- Project Overview
- Technologies Used
- Architecture
- Software Requirements for Running the Project
- How to Run
- Dashboards
- Acknowledgments
- Conclusion
- Contacts
This project demonstrates real-time data streaming and processing architecture using Kafka, Spark Streaming, and Debezium for capturing CDC (Change Data Capture) events.
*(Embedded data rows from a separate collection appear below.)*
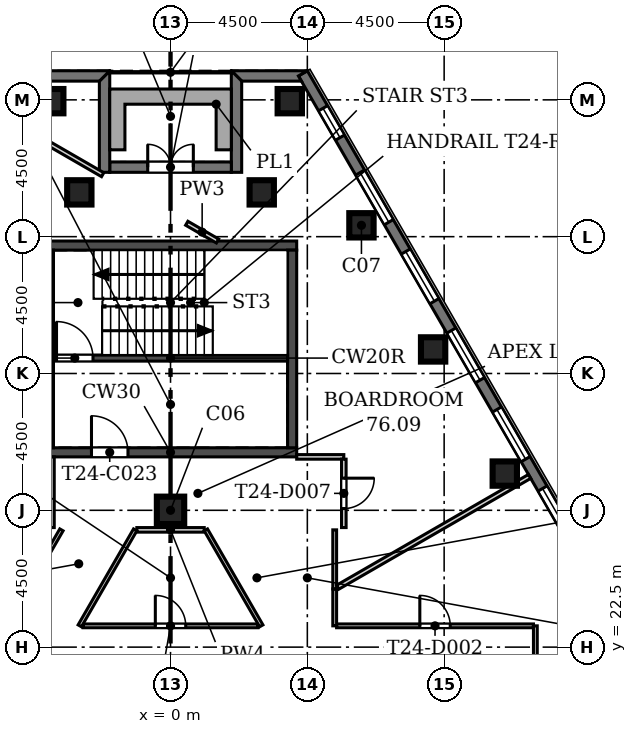
"""IFC4 building model, lengths in metres.
Left out: names, types, materials, properties, quantities, classifications, styles, units other than length and angle.
Written with IfcOpenShell. Run it as: python <this file> out.ifc"""

import sys

from ifc_helpers import new_model, si_unit, direction, frame, frame_2d, origin, origin_2d, place, context, subcontext, project, spatial, polyline, rectangle, outline, extrude, element, fill, save


model = new_model("IFC4")
c1 = context("Model", 3, precision=1e-05, world=origin(), true_north=direction((0.0, 1.0)))
c2 = subcontext(c1, "Body", "Model", "MODEL_VIEW")
j1 = project(units=[si_unit("LENGTHUNIT", "METRE"), si_unit("PLANEANGLEUNIT", "RADIAN")], contexts=[c1])
p1 = place(None, origin())
s1 = spatial("IfcSite", under=j1, at=p1, CompositionType="ELEMENT")
p2 = place(p1, origin())
s2 = spatial("IfcBuilding", under=s1, at=p2, CompositionType="ELEMENT")
p3 = place(p2, frame((0.0, 0.0, 335.1)))
s3 = spatial("IfcBuildingStorey", under=s2, at=p3, CompositionType="ELEMENT", Elevation=335.1)
for number, where, z_axis, x_axis in (
    (1, (10.994, 28.208, 0.0), (0.0, 0.0, 1.0), (1.0, 0.0, 0.0)),
    (2, (8.637, 32.291, 0.0), (0.0, 0.0, 1.0), (1.0, 0.0, 0.0)),
    (3, (6.28, 36.374, 0.0), (0.0, 0.0, 1.0), (1.0, 0.0, 0.0)),
    (4, (3.923, 40.457, 0.0), (0.0, 0.0, 1.0), (1.0, 0.0, 0.0)),
    (5, (3.0, 37.457, 0.0), (0.0, 0.0, 1.0), (1.0, 0.0, 0.0)),
    (6, (-3.0, 37.457, 0.0), (0.0, 0.0, 1.0), (1.0, 0.0, 0.0)),
    (7, (-3.923, 40.457, 0.0), (0.0, 0.0, 1.0), (1.0, 0.0, 0.0)),
):
    element("IfcColumn", number, at=place(p3, frame(where, z_axis=z_axis, x_axis=x_axis)), inside=s3, PredefinedType="COLUMN", context=c2, shape_type="SweptSolid", body=[
        extrude(rectangle(XDim=0.8, YDim=0.8, at=origin_2d()), origin(), (0.0, 0.0, 1.0), 4.2),
    ])
p4 = place(p3, frame((0.0, 27.0, 0.0), z_axis=(0.0, 0.0, 1.0), x_axis=(1.0, 0.0, 0.0)))
e8 = element("IfcColumn", 8, at=p4, inside=s3, PredefinedType="COLUMN", context=c2, shape_type="SweptSolid", body=[
    extrude(rectangle(XDim=0.9, YDim=0.9, at=origin_2d()), origin(), (0.0, 0.0, 1.0), 4.2),
])
p5 = place(p3, frame((23.788, 7.709, 0.0), z_axis=(0.0, 0.0, 1.0), x_axis=(-0.500001731347, 0.866024404189, 0.0)))
e9 = element("IfcWall", 9, at=p5, inside=s3, PredefinedType="SOLIDWALL", context=c2, shape_type="SweptSolid", body=[
    extrude(rectangle(XDim=38.87, YDim=0.34, at=frame_2d((19.435, 0.0))), origin(), (0.0, 0.0, 1.0), 3.8),
])
p6 = place(p5, frame((3.218, 0.0, 0.9)))
e10 = element("IfcOpeningElement", 10, at=p6, cuts=e9, PredefinedType="OPENING", context=c2, shape_type="SweptSolid", body=[
    extrude(rectangle(XDim=1.885, YDim=2.6, at=frame_2d((0.942, 1.3))), frame((0.0, 0.18, 0.0), z_axis=(0.0, -1.0, 0.0), x_axis=(1.0, 0.0, 0.0)), (0.0, 0.0, 1.0), 0.36),
])
p7 = place(p5, frame((6.218, 0.0, 0.9)))
e11 = element("IfcOpeningElement", 11, at=p7, cuts=e9, PredefinedType="OPENING", context=c2, shape_type="SweptSolid", body=[
    extrude(rectangle(XDim=1.885, YDim=2.6, at=frame_2d((0.942, 1.3))), frame((0.0, 0.18, 0.0), z_axis=(0.0, -1.0, 0.0), x_axis=(1.0, 0.0, 0.0)), (0.0, 0.0, 1.0), 0.36),
])
p8 = place(p5, frame((9.218, 0.0, 0.9)))
e12 = element("IfcOpeningElement", 12, at=p8, cuts=e9, PredefinedType="OPENING", context=c2, shape_type="SweptSolid", body=[
    extrude(rectangle(XDim=1.885, YDim=2.6, at=frame_2d((0.942, 1.3))), frame((0.0, 0.18, 0.0), z_axis=(0.0, -1.0, 0.0), x_axis=(1.0, 0.0, 0.0)), (0.0, 0.0, 1.0), 0.36),
])
p9 = place(p5, frame((12.218, 0.0, 0.9)))
e13 = element("IfcOpeningElement", 13, at=p9, cuts=e9, PredefinedType="OPENING", context=c2, shape_type="SweptSolid", body=[
    extrude(rectangle(XDim=1.885, YDim=2.6, at=frame_2d((0.942, 1.3))), frame((0.0, 0.18, 0.0), z_axis=(0.0, -1.0, 0.0), x_axis=(1.0, 0.0, 0.0)), (0.0, 0.0, 1.0), 0.36),
])
p10 = place(p5, frame((15.218, 0.0, 0.9)))
e14 = element("IfcOpeningElement", 14, at=p10, cuts=e9, PredefinedType="OPENING", context=c2, shape_type="SweptSolid", body=[
    extrude(rectangle(XDim=1.885, YDim=2.6, at=frame_2d((0.942, 1.3))), frame((0.0, 0.18, 0.0), z_axis=(0.0, -1.0, 0.0), x_axis=(1.0, 0.0, 0.0)), (0.0, 0.0, 1.0), 0.36),
])
p11 = place(p5, frame((18.218, 0.0, 0.9)))
e15 = element("IfcOpeningElement", 15, at=p11, cuts=e9, PredefinedType="OPENING", context=c2, shape_type="SweptSolid", body=[
    extrude(rectangle(XDim=1.885, YDim=2.6, at=frame_2d((0.942, 1.3))), frame((0.0, 0.18, 0.0), z_axis=(0.0, -1.0, 0.0), x_axis=(1.0, 0.0, 0.0)), (0.0, 0.0, 1.0), 0.36),
])
p12 = place(p5, frame((21.218, 0.0, 0.9)))
e16 = element("IfcOpeningElement", 16, at=p12, cuts=e9, PredefinedType="OPENING", context=c2, shape_type="SweptSolid", body=[
    extrude(rectangle(XDim=1.885, YDim=2.6, at=frame_2d((0.942, 1.3))), frame((0.0, 0.18, 0.0), z_axis=(0.0, -1.0, 0.0), x_axis=(1.0, 0.0, 0.0)), (0.0, 0.0, 1.0), 0.36),
])
p13 = place(p5, frame((24.218, 0.0, 0.9)))
e17 = element("IfcOpeningElement", 17, at=p13, cuts=e9, PredefinedType="OPENING", context=c2, shape_type="SweptSolid", body=[
    extrude(rectangle(XDim=1.885, YDim=2.6, at=frame_2d((0.942, 1.3))), frame((0.0, 0.18, 0.0), z_axis=(0.0, -1.0, 0.0), x_axis=(1.0, 0.0, 0.0)), (0.0, 0.0, 1.0), 0.36),
])
p14 = place(p5, frame((27.218, 0.0, 0.9)))
e18 = element("IfcOpeningElement", 18, at=p14, cuts=e9, PredefinedType="OPENING", context=c2, shape_type="SweptSolid", body=[
    extrude(rectangle(XDim=1.885, YDim=2.6, at=frame_2d((0.942, 1.3))), frame((0.0, 0.18, 0.0), z_axis=(0.0, -1.0, 0.0), x_axis=(1.0, 0.0, 0.0)), (0.0, 0.0, 1.0), 0.36),
])
p15 = place(p5, frame((30.218, 0.0, 0.9)))
e19 = element("IfcOpeningElement", 19, at=p15, cuts=e9, PredefinedType="OPENING", context=c2, shape_type="SweptSolid", body=[
    extrude(rectangle(XDim=1.885, YDim=2.6, at=frame_2d((0.942, 1.3))), frame((0.0, 0.18, 0.0), z_axis=(0.0, -1.0, 0.0), x_axis=(1.0, 0.0, 0.0)), (0.0, 0.0, 1.0), 0.36),
])
p16 = place(p5, frame((33.218, 0.0, 0.9)))
e20 = element("IfcOpeningElement", 20, at=p16, cuts=e9, PredefinedType="OPENING", context=c2, shape_type="SweptSolid", body=[
    extrude(rectangle(XDim=1.885, YDim=2.6, at=frame_2d((0.942, 1.3))), frame((0.0, 0.18, 0.0), z_axis=(0.0, -1.0, 0.0), x_axis=(1.0, 0.0, 0.0)), (0.0, 0.0, 1.0), 0.36),
])
p17 = place(p5, frame((1.051, 0.0, 0.9)))
e21 = element("IfcOpeningElement", 21, at=p17, cuts=e9, PredefinedType="OPENING", context=c2, shape_type="SweptSolid", body=[
    extrude(rectangle(XDim=1.115, YDim=2.4, at=frame_2d((0.558, 1.2))), frame((0.0, 0.18, 0.0), z_axis=(0.0, -1.0, 0.0), x_axis=(1.0, 0.0, 0.0)), (0.0, 0.0, 1.0), 0.36),
])
p18 = place(p5, frame((36.429, 0.0, 0.9)))
e22 = element("IfcOpeningElement", 22, at=p18, cuts=e9, PredefinedType="OPENING", context=c2, shape_type="SweptSolid", body=[
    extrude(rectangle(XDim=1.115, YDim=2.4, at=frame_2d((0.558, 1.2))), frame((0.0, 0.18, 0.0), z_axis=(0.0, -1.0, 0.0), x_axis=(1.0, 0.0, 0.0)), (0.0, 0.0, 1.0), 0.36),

The pipeline collects transaction data, processes it in real time, and updates a dashboard to display real-time analytics for smartphone data.
- Kafka: Data streaming platform.
- Debezium: Change Data Capture tool to stream changes from PostgreSQL to Kafka.
- Spark Streaming: Real-time data processing engine.
- Spring Boot: Backend API service.
- React.js: Frontend for real-time dashboard.
- MySQL: Database for storing aggregated analytics.
- PostgreSQL: Source database for transactional data.
- Docker: Containerization for running the services.
- PostgreSQL: Source database for transactional data.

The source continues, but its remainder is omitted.